Restrictions: Functions have a maximum execution time of 9 minutes, making them unsuitable for long-running or resource-intensive jobs. Also, limited to specific triggers (HTTP, Pub/Sub, etc.) and is generally best for simpler tasks.
Cloud functions are billed by execution milliseconds. So I believe this service may be a good option for unpredictable, intermittent workloads, BUT you need to watch the number of invocations per month or the total amount of running hours. There is a limit where you need to optimize costs and this option may be expensive
Summary
When choosing between cloud computing services, the level of control you have over the infrastructure often comes with trade-offs in terms of complexity, flexibility, and the ability to run different types of workloads and restrictions.
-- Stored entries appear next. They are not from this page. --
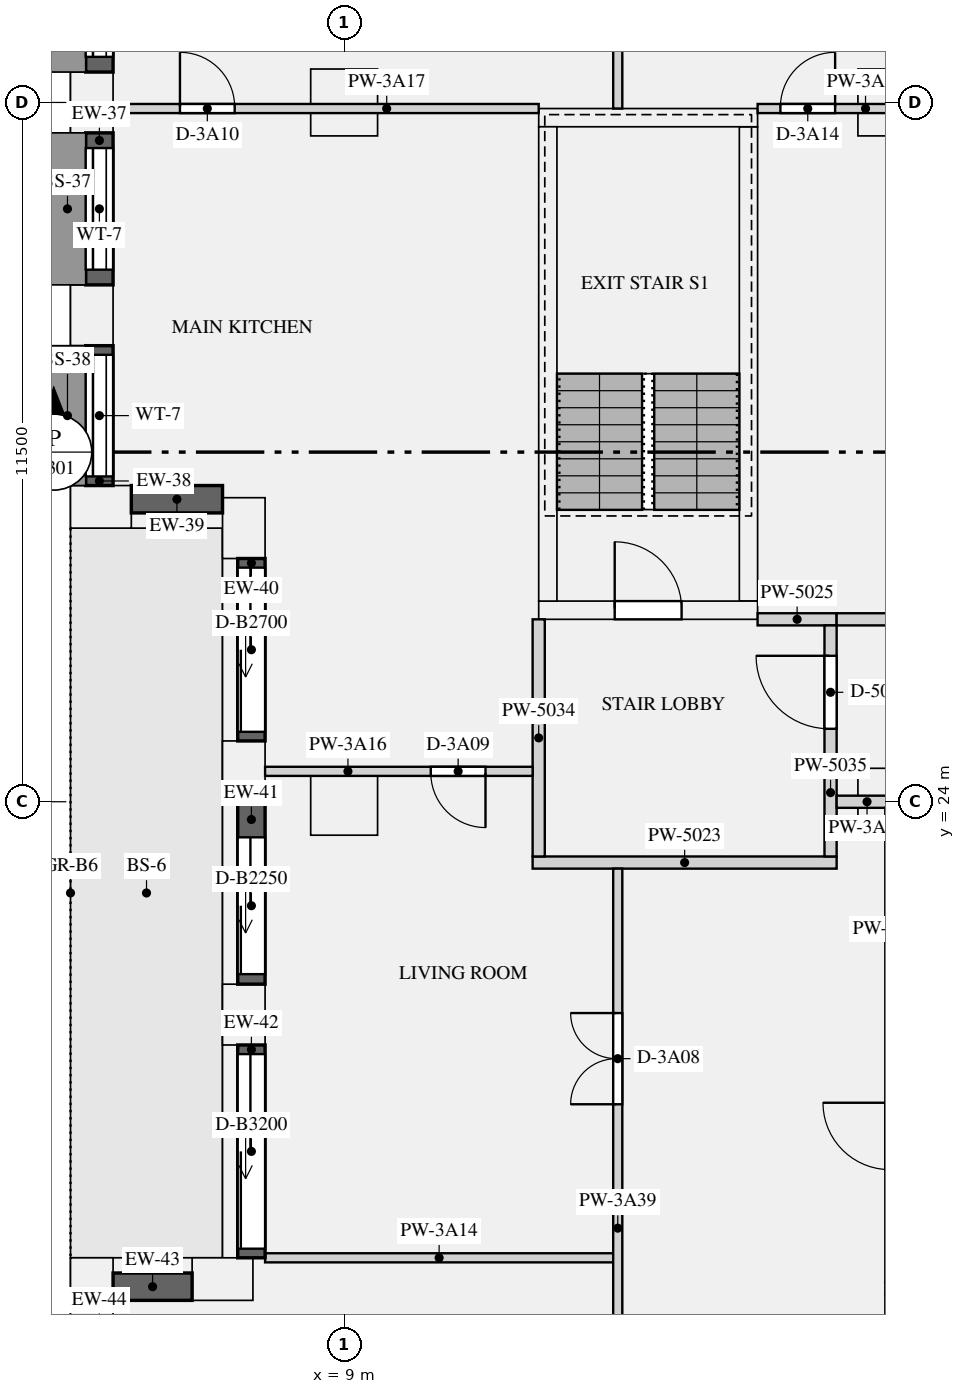
"""IFC4 building model, lengths in metres.
Left out: names, types, materials, properties, quantities, classifications, styles, units other than length and angle.
Written with IfcOpenShell. Run it as: python <this file> out.ifc"""

import sys

from ifc_helpers import new_model, si_unit, direction, frame, frame_2d, origin, origin_2d, place, context, subcontext, project, spatial, rectangle, extrude, element, fill, save


model = new_model("IFC4")
c1 = context("Model", 3, precision=1e-05, world=origin(), true_north=direction((0.0, 1.0)))
c2 = subcontext(c1, "Body", "Model", "MODEL_VIEW")
j1 = project(units=[si_unit("LENGTHUNIT", "METRE"), si_unit("PLANEANGLEUNIT", "RADIAN")], contexts=[c1])
p1 = place(None, origin())
s1 = spatial("IfcSite", under=j1, at=p1, CompositionType="ELEMENT")
p2 = place(p1, origin())
s2 = spatial("IfcBuilding", under=s1, at=p2, CompositionType="ELEMENT")
p3 = place(p2, frame((0.0, 0.0, 144.45)))
s3 = spatial("IfcBuildingStorey", under=s2, at=p3, CompositionType="ELEMENT", Elevation=144.45)
for number, where, z_axis, x_axis in (
    (1, (4.85, 35.5, 0.0), (0.0, 0.0, 1.0), (0.0, -1.0, 0.0)),
    (2, (4.85, 32.0, 0.0), (0.0, 0.0, 1.0), (0.0, -1.0, 0.0)),
    (3, (5.0, 28.85, 0.0), (0.0, 0.0, 1.0), (1.0, 0.0, 0.0)),
    (4, (7.35, 28.5, 0.0), (0.0, 0.0, 1.0), (0.0, -1.0, 0.0)),
    (5, (7.35, 24.5, 0.0), (0.0, 0.0, 1.0), (0.0, -1.0, 0.0)),
    (6, (7.35, 20.5, 0.0), (0.0, 0.0, 1.0), (0.0, -1.0, 0.0)),
    (7, (7.0, 16.15, 0.0), (0.0, 0.0, 1.0), (-1.0, 0.0, 0.0)),
    (8, (4.85, 16.0, 0.0), (0.0, 0.0, 1.0), (0.0, -1.0, 0.0)),
):
    element("IfcColumn", number, at=place(p3, frame(where, z_axis=z_axis, x_axis=x_axis)), inside=s3, PredefinedType="USERDEFINED", context=c2, shape_type="SweptSolid", body=[
        extrude(rectangle(XDim=1.0, YDim=0.7, at=origin_2d()), origin(), (0.0, 0.0, 1.0), 3.15),
    ])
for number, where, z_axis, x_axis in (
    (9, (9.0, 24.0, 0.0), (0.0, 0.0, 1.0), (1.0, 0.0, 0.0)),
    (10, (18.0, 24.0, 0.0), (0.0, 0.0, 1.0), (1.0, 0.0, 0.0)),
    (11, (9.0, 35.5, 0.0), (0.0, 0.0, 1.0), (1.0, 0.0, 0.0)),
    (12, (18.0, 35.5, 0.0), (0.0, 0.0, 1.0), (1.0, 0.0, 0.0)),
):
    element("IfcColumn", number, at=place(p3, frame(where, z_axis=z_axis, x_axis=x_axis)), inside=s3, PredefinedType="COLUMN", context=c2, shape_type="SweptSolid", body=[
        extrude(rectangle(XDim=1.1, YDim=1.1, at=origin_2d()), origin(), (0.0, 0.0, 1.0), 3.15),
    ])
p4 = place(p3, frame((12.2, 27.15, 0.0), z_axis=(0.0, 0.0, 1.0), x_axis=(1.0, 0.0, 0.0)))
e13 = element("IfcWall", 13, at=p4, inside=s3, PredefinedType="SHEAR", context=c2, shape_type="SweptSolid", body=[
    extrude(rectangle(XDim=3.6, YDim=0.3, at=frame_2d((1.8, 0.0))), origin(), (0.0, 0.0, 1.0), 3.15),
])
p5 = place(p4, frame((1.25, 0.0, 0.0)))
e14 = element("IfcOpeningElement", 14, at=p5, cuts=e13, PredefinedType="OPENING", context=c2, shape_type="SweptSolid", body=[
    extrude(rectangle(XDim=1.1, YDim=2.1, at=frame_2d((0.55, 1.05))), frame((0.0, 0.16, 0.0), z_axis=(0.0, -1.0, 0.0), x_axis=(1.0, 0.0, 0.0)), (0.0, 0.0, 1.0), 0.32),
])
p6 = place(p3, frame((12.2, 35.25, 0.0), z_axis=(0.0, 0.0, 1.0), x_axis=(1.0, 0.0, 0.0)))
e15 = element("IfcWall", 15, at=p6, inside=s3, PredefinedType="SHEAR", context=c2, shape_type="SweptSolid", body=[
    extrude(rectangle(XDim=3.6, YDim=0.3, at=frame_2d((1.8, 0.0))), origin(), (0.0, 0.0, 1.0), 3.15),
])
for number, where, z_axis, x_axis in (
    (16, (12.35, 27.3, 0.0), (0.0, 0.0, 1.0), (0.0, 1.0, 0.0)),
    (17, (15.65, 27.3, 0.0), (0.0, 0.0, 1.0), (0.0, 1.0, 0.0)),
):
    element("IfcWall", number, at=place(p3, frame(where, z_axis=z_axis, x_axis=x_axis)), inside=s3, PredefinedType="SHEAR", context=c2, shape_type="SweptSolid", body=[
        extrude(rectangle(XDim=7.8, YDim=0.3, at=frame_2d((3.9, 0.0))), origin(), (0.0, 0.0, 1.0), 3.15),
    ])
p7 = place(p3, frame((4.975, 38.0, 0.9), z_axis=(0.0, 0.0, 1.0), x_axis=(0.0, -1.0, 0.0)))
e18 = element("IfcWall", 18, at=p7, inside=s3, PredefinedType="SOLIDWALL", context=c2, shape_type="SweptSolid", body=[
    extrude(rectangle(XDim=2.0, YDim=0.45, at=frame_2d((1.0, 0.0))), origin(), (0.0, 0.0, 1.0), 1.93),
])
p8 = place(p7, frame((0.25, 0.0, 0.15)))
e19 = element("IfcOpeningElement", 19, at=p8, cuts=e18, PredefinedType="OPENING", context=c2, shape_type="SweptSolid", body=[
    extrude(rectangle(XDim=1.5, YDim=1.5, at=frame_2d((0.75, 0.75))), frame((0.0, 0.235, 0.0), z_axis=(0.0, -1.0, 0.0), x_axis=(1.0, 0.0, 0.0)), (0.0, 0.0, 1.0), 0.47),
])
p9 = place(p3, frame((4.975, 35.0, 0.9), z_axis=(0.0, 0.0, 1.0), x_axis=(0.0, -1.0, 0.0)))
e20 = element("IfcWall", 20, at=p9, inside=s3, PredefinedType="SOLIDWALL", context=c2, shape_type="SweptSolid", body=[
    extrude(rectangle(XDim=2.5, YDim=0.45, at=frame_2d((1.25, 0.0))), origin(), (0.0, 0.0, 1.0), 1.93),
])
p10 = place(p9, frame((0.25, 0.0, 0.15)))
e21 = element("IfcOpeningElement", 21, at=p10, cuts=e20, PredefinedType="OPENING", context=c2, shape_type="SweptSolid", body=[
    extrude(rectangle(XDim=2.0, YDim=1.5, at=frame_2d((1.0, 0.75))), frame((0.0, 0.235, 0.0), z_axis=(0.0, -1.0, 0.0), x_axis=(1.0, 0.0, 0.0)), (0.0, 0.0, 1.0), 0.47),
])
p11 = place(p3, frame((4.975, 31.5, 0.9), z_axis=(0.0, 0.0, 1.0), x_axis=(0.0, -1.0, 0.0)))
e22 = element("IfcWall", 22, at=p11, inside=s3, PredefinedType="SOLIDWALL", context=c2, shape_type="SweptSolid", body=[
    extrude(rectangle(XDim=2.3, YDim=0.45, at=frame_2d((1.15, 0.0))), origin(), (0.0, 0.0, 1.0), 1.93),
])
p12 = place(p11, frame((0.15, 0.0, 0.15)))
e23 = element("IfcOpeningElement", 23, at=p12, cuts=e22, PredefinedType="OPENING", context=c2, shape_type="SweptSolid", body=[
    extrude(rectangle(XDim=2.0, YDim=1.5, at=frame_2d((1.0, 0.75))), frame((0.0, 0.235, 0.0), z_axis=(0.0, -1.0, 0.0), x_axis=(1.0, 0.0, 0.0)), (0.0, 0.0, 1.0), 0.47),
])
p13 = place(p3, frame((5.5, 28.975, 0.9), z_axis=(0.0, 0.0, 1.0), x_axis=(1.0, 0.0, 0.0)))
e24 = element("IfcWall", 24, at=p13, inside=s3, PredefinedType="SOLIDWALL", context=c2, shape_type="SweptSolid", body=[
    extrude(rectangle(XDim=1.5, YDim=0.45, at=frame_2d((0.75, 0.0))), origin(), (0.0, 0.0, 1.0), 1.93),
])
p14 = place(p3, frame((7.475, 28.0, 0.0), z_axis=(0.0, 0.0, 1.0), x_axis=(0.0, -1.0, 0.0)))
e25 = element("IfcWall", 25, at=p14, inside=s3, PredefinedType="SOLIDWALL", context=c2, shape_type="SweptSolid", body=[
    extrude(rectangle(XDim=3.0, YDim=0.45, at=frame_2d((1.5, 0.0))), origin(), (0.0, 0.0, 1.0), 2.83),
])
p15 = place(p14, frame((0.15, 0.0, 0.0)))
e26 = element("IfcOpeningElement", 26, at=p15, cuts=e25, PredefinedType="OPENING", context=c2, shape_type="SweptSolid", body=[
    extrude(rectangle(XDim=2.7, YDim=2.3, at=frame_2d((1.35, 1.15))), frame((0.0, 0.235, 0.0), z_axis=(0.0, -1.0, 0.0), x_axis=(1.0, 0.0, 0.0)), (0.0, 0.0, 1.0), 0.47),
])
p16 = place(p3, frame((7.475, 24.0, 0.0), z_axis=(0.0, 0.0, 1.0), x_axis=(0.0, -1.0, 0.0)))
e27 = element("IfcWall", 27, at=p16, inside=s3, PredefinedType="SOLIDWALL", context=c2, shape_type="SweptSolid", body=[
    extrude(rectangle(XDim=3.0, YDim=0.45, at=frame_2d((1.5, 0.0))), origin(), (0.0, 0.0, 1.0), 2.83),
])
p17 = place(p16, frame((0.585, 0.0, 0.0)))
e28 = element("IfcOpeningElement", 28, at=p17, cuts=e27, PredefinedType="OPENING", context=c2, shape_type="SweptSolid", body=[
    extrude(rectangle(XDim=2.25, YDim=2.3, at=frame_2d((1.125, 1.15))), frame((0.0, 0.235, 0.0), z_axis=(0.0, -1.0, 0.0), x_axis=(1.0, 0.0, 0.0)), (0.0, 0.0, 1.0), 0.47),
])
p18 = place(p3, frame((7.475, 20.0, 0.0), z_axis=(0.0, 0.0, 1.0), x_axis=(0.0, -1.0, 0.0)))
e29 = element("IfcWall", 29, at=p18, inside=s3, PredefinedType="SOLIDWALL", context=c2, shape_type="SweptSolid", body=[
    extrude(rectangle(XDim=3.5, YDim=0.45, at=frame_2d((1.75, 0.0))), origin(), (0.0, 0.0, 1.0), 2.83),
])
p19 = place(p18, frame((0.15, 0.0, 0.0)))
e30 = element("IfcOpeningElement", 30, at=p19, cuts=e29, PredefinedType="OPENING", context=c2, shape_type="SweptSolid", body=[
    extrude(rectangle(XDim=3.2, YDim=2.3, at=frame_2d((1.6, 1.15))), frame((0.0, 0.235, 0.0), z_axis=(0.0, -1.0, 0.0), x_axis=(1.0, 0.0, 0.0)), (0.0, 0.0, 1.0), 0.47),
])
p20 = place(p3, frame((6.5, 16.025, 0.9), z_axis=(0.0, 0.0, 1.0), x_axis=(-1.0, 0.0, 0.0)))
e31 = element("IfcWall", 31, at=p20, inside=s3, PredefinedType="SOLIDWALL", context=c2, shape_type="SweptSolid", body=[
    extrude(rectangle(XDim=1.3, YDim=0.45, at=frame_2d((0.65, 0.0))), origin(), (0.0, 0.0, 1.0), 1.93),
])
p21 = place(p3, frame((12.1, 23.0, 0.0), z_axis=(0.0, 0.0, 1.0), x_axis=(1.0, 0.0, 0.0)))
e32 = element("IfcWall", 32, at=p21, inside=s3, PredefinedType="PARTITIONING", context=c2, shape_type="SweptSolid", body=[
    extrude(rectangle(XDim=5.0, YDim=0.2, at=frame_2d((2.5, 0.0))), origin(), (0.0, 0.0, 1.0), 2.83),
])
p22 = place(p3, frame((15.8, 27.0, 0.0), z_axis=(0.0, 0.0, 1.0), x_axis=(1.0, 0.0, 0.0)))
e33 = element("IfcWall", 33, at=p22, inside=s3, PredefinedType="PARTITIONING", context=c2, shape_type="SweptSolid", body=[
    extrude(rectangle(XDim=1.3, YDim=0.2, at=frame_2d((0.65, 0.0))), origin(), (0.0, 0.0, 1.0), 2.83),
])
p23 = place(p3, frame((12.2, 23.1, 0.0), z_axis=(0.0, 0.0, 1.0), x_axis=(0.0, 1.0, 0.0)))
e34 = element("IfcWall", 34, at=p23, inside=s3, PredefinedType="PARTITIONING", context=c2, shape_type="SweptSolid", body=[
    extrude(rectangle(XDim=3.9, YDim=0.2, at=frame_2d((1.95, 0.0))), origin(), (0.0, 0.0, 1.0), 2.83),
])
p24 = place(p3, frame((17.0, 23.1, 0.0), z_axis=(0.0, 0.0, 1.0), x_axis=(0.0, 1.0, 0.0)))
e35 = element("IfcWall", 35, at=p24, inside=s3, PredefinedType="PARTITIONING", context=c2, shape_type="SweptSolid", body=[
    extrude(rectangle(XDim=3.8, YDim=0.2, at=frame_2d((1.9, 0.0))), origin(), (0.0, 0.0, 1.0), 2.83),
])
p25 = place(p24, frame((2.1, 0.0, 0.0)))
e36 = element("IfcOpeningElement", 36, at=p25, cuts=e35, PredefinedType="OPENING", context=c2, shape_type="SweptSolid", body=[
    extrude(rectangle(XDim=1.2, YDim=2.1, at=frame_2d((0.6, 1.05))), frame((0.0, 0.11, 0.0), z_axis=(0.0, -1.0, 0.0), x_axis=(1.0, 0.0, 0.0)), (0.0, 0.0, 1.0), 0.22),
])
p26 = place(p3, frame((17.1, 24.0, 0.0), z_axis=(0.0, 0.0, 1.0), x_axis=(1.0, 0.0, 0.0)))
e37 = element("IfcWall", 37, at=p26, inside=s3, PredefinedType="PARTITIONING", context=c2, shape_type="SweptSolid", body=[
    extrude(rectangle(XDim=1.0, YDim=0.2, at=frame_2d((0.5, 0.0))), origin(), (0.0, 0.0, 1.0), 2.83),
])
p27 = place(p3, frame((17.1, 27.0, 0.0), z_axis=(0.0, 0.0, 1.0), x_axis=(1.0, 0.0, 0.0)))
e38 = element("IfcWall", 38, at=p27, inside=s3, PredefinedType="PARTITIONING", context=c2, shape_type="SweptSolid", body=[
    extrude(rectangle(XDim=7.0, YDim=0.2, at=frame_2d((3.5, 0.0))), origin(), (0.0, 0.0, 1.0), 2.83),
])
p28 = place(p3, frame((7.7, 16.5, 0.0), z_axis=(0.0, 0.0, 1.0), x_axis=(1.0, 0.0, 0.0)))
e39 = element("IfcWall", 39, at=p28, inside=s3, PredefinedType="PARTITIONING", context=c2, shape_type="SweptSolid", body=[
    extrude(rectangle(XDim=5.725, YDim=0.15, at=frame_2d((2.863, 0.0))), origin(), (0.0, 0.0, 1.0), 2.83),
])
p29 = place(p3, frame((7.7, 24.5, 0.0), z_axis=(0.0, 0.0, 1.0), x_axis=(1.0, 0.0, 0.0)))
e40 = element("IfcWall", 40, at=p29, inside=s3, PredefinedType="PARTITIONING", context=c2, shape_type="SweptSolid", body=[
    extrude(rectangle(XDim=4.4, YDim=0.15, at=frame_2d((2.2, 0.0))), origin(), (0.0, 0.0, 1.0), 2.83),
])
p30 = place(p29, frame((2.725, 0.0, 0.0)))
e41 = element("IfcOpeningElement", 41, at=p30, cuts=e40, PredefinedType="OPENING", context=c2, shape_type="SweptSolid", body=[
    extrude(rectangle(XDim=0.9, YDim=2.1, at=frame_2d((0.45, 1.05))), frame((0.0, 0.085, 0.0), z_axis=(0.0, -1.0, 0.0), x_axis=(1.0, 0.0, 0.0)), (0.0, 0.0, 1.0), 0.17),
])
p31 = place(p3, frame((5.2, 35.4, 0.0), z_axis=(0.0, 0.0, 1.0), x_axis=(1.0, 0.0, 0.0)))
e42 = element("IfcWall", 42, at=p31, inside=s3, PredefinedType="PARTITIONING", context=c2, shape_type="SweptSolid", body=[
    extrude(rectangle(XDim=7.0, YDim=0.15, at=frame_2d((3.5, 0.0))), origin(), (0.0, 0.0, 1.0), 2.83),
])
p32 = place(p31, frame((1.1, 0.0, 0.0)))
e43 = element("IfcOpeningElement", 43, at=p32, cuts=e42, PredefinedType="OPENING", context=c2, shape_type="SweptSolid", body=[
    extrude(rectangle(XDim=0.9, YDim=2.1, at=frame_2d((0.45, 1.05))), frame((0.0, 0.085, 0.0), z_axis=(0.0, -1.0, 0.0), x_axis=(1.0, 0.0, 0.0)), (0.0, 0.0, 1.0), 0.17),
])
p33 = place(p3, frame((15.8, 35.4, 0.0), z_axis=(0.0, 0.0, 1.0), x_axis=(1.0, 0.0, 0.0)))
e44 = element("IfcWall", 44, at=p33, inside=s3, PredefinedType="PARTITIONING", context=c2, shape_type="SweptSolid", body=[
    extrude(rectangle(XDim=2.275, YDim=0.15, at=frame_2d((1.137, 0.0))), origin(), (0.0, 0.0, 1.0), 2.83),
])
p34 = place(p33, frame((0.375, 0.0, 0.0)))
e45 = element("IfcOpeningElement", 45, at=p34, cuts=e44, PredefinedType="OPENING", context=c2, shape_type="SweptSolid", body=[
    extrude(rectangle(XDim=0.9, YDim=2.1, at=frame_2d((0.45, 1.05))), frame((0.0, 0.085, 0.0), z_axis=(0.0, -1.0, 0.0), x_axis=(1.0, 0.0, 0.0)), (0.0, 0.0, 1.0), 0.17),
])
p35 = place(p3, frame((13.5, 10.575, 0.0), z_axis=(0.0, 0.0, 1.0), x_axis=(0.0, 1.0, 0.0)))
e46 = element("IfcWall", 46, at=p35, inside=s3, PredefinedType="PARTITIONING", context=c2, shape_type="SweptSolid", body=[
    extrude(rectangle(XDim=12.325, YDim=0.15, at=frame_2d((6.163, 0.0))), origin(), (0.0, 0.0, 1.0), 2.83),
])
p36 = place(p35, frame((3.475, 0.0, 0.0)))
e47 = element("IfcOpeningElement", 47, at=p36, cuts=e46, PredefinedType="OPENING", context=c2, shape_type="SweptSolid", body=[
    extrude(rectangle(XDim=0.9, YDim=2.1, at=frame_2d((0.45, 1.05))), frame((0.0, 0.085, 0.0), z_axis=(0.0, -1.0, 0.0), x_axis=(1.0, 0.0, 0.0)), (0.0, 0.0, 1.0), 0.17),
])
p37 = place(p35, frame((8.45, 0.0, 0.0)))
e48 = element("IfcOpeningElement", 48, at=p37, cuts=e46, PredefinedType="OPENING", context=c2, shape_type="SweptSolid", body=[
    extrude(rectangle(XDim=1.5, YDim=2.1, at=frame_2d((0.75, 1.05))), frame((0.0, 0.085, 0.0), z_axis=(0.0, -1.0, 0.0), x_axis=(1.0, 0.0, 0.0)), (0.0, 0.0, 1.0), 0.17),
])
p38 = place(p3, frame((13.5, 35.4, 0.0), z_axis=(0.0, 0.0, 1.0), x_axis=(0.0, 1.0, 0.0)))
e49 = element("IfcWall", 49, at=p38, inside=s3, PredefinedType="PARTITIONING", context=c2, shape_type="SweptSolid", body=[
    extrude(rectangle(XDim=7.4, YDim=0.15, at=frame_2d((3.7, 0.0))), origin(), (0.0, 0.0, 1.0), 2.83),
])
p39 = place(p38, frame((3.025, 0.0, 0.0)))
e50 = element("IfcOpeningElement", 50, at=p39, cuts=e49, PredefinedType="OPENING", context=c2, shape_type="SweptSolid", body=[
    extrude(rectangle(XDim=1.5, YDim=2.1, at=frame_2d((0.75, 1.05))), frame((0.0, 0.085, 0.0), z_axis=(0.0, -1.0, 0.0), x_axis=(1.0, 0.0, 0.0)), (0.0, 0.0, 1.0), 0.17),
])
p40 = place(p8, origin())
e51 = element("IfcWindow", 51, at=p40, inside=s3, PartitioningType="SINGLE_PANEL", PredefinedType="WINDOW", context=c2, shape_type="SweptSolid", body=[
    extrude(rectangle(XDim=1.5, YDim=1.5, at=frame_2d((0.75, 0.75))), frame((0.0, -0.065, 0.0), z_axis=(0.0, -1.0, 0.0), x_axis=(1.0, 0.0, 0.0)), (0.0, 0.0, 1.0), 0.06),
])
fill(e19, e51)
p41 = place(p10, origin())
e52 = element("IfcWindow", 52, at=p41, inside=s3, PartitioningType="SINGLE_PANEL", PredefinedType="WINDOW", context=c2, shape_type="SweptSolid", body=[
    extrude(rectangle(XDim=2.0, YDim=1.5, at=frame_2d((1.0, 0.75))), frame((0.0, -0.065, 0.0), z_axis=(0.0, -1.0, 0.0), x_axis=(1.0, 0.0, 0.0)), (0.0, 0.0, 1.0), 0.06),
])
fill(e21, e52)
p42 = place(p12, origin())
e53 = element("IfcWindow", 53, at=p42, inside=s3, PartitioningType="SINGLE_PANEL", PredefinedType="WINDOW", context=c2, shape_type="SweptSolid", body=[
    extrude(rectangle(XDim=2.0, YDim=1.5, at=frame_2d((1.0, 0.75))), frame((0.0, -0.065, 0.0), z_axis=(0.0, -1.0, 0.0), x_axis=(1.0, 0.0, 0.0)), (0.0, 0.0, 1.0), 0.06),
])
fill(e23, e53)
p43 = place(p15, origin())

So if your use case is a short simple task or just a rapid deployment, you may choose Cloud Functions. If you want to run containerized applications without the burden of infrastructure management, you can pick up Cloud Run. Eventually, for very large or highly customized workloads, you might end up using Kubernetes (GKE, EKS) or even raw virtual machines (Compute Engine, AWS EC2), where you have full control but also bear the full burden of managing the environment.
The need to dive into the details of Kubernetes, managing clusters, or even dealing with networking and security configurations might seem counterintuitive.
After all, cloud computing was supposed to simplify things. But this complexity arises because as applications grow, the need for customization, optimization, and control also increases. At scale, even small inefficiencies can lead to significant costs, so having that granular control becomes crucial.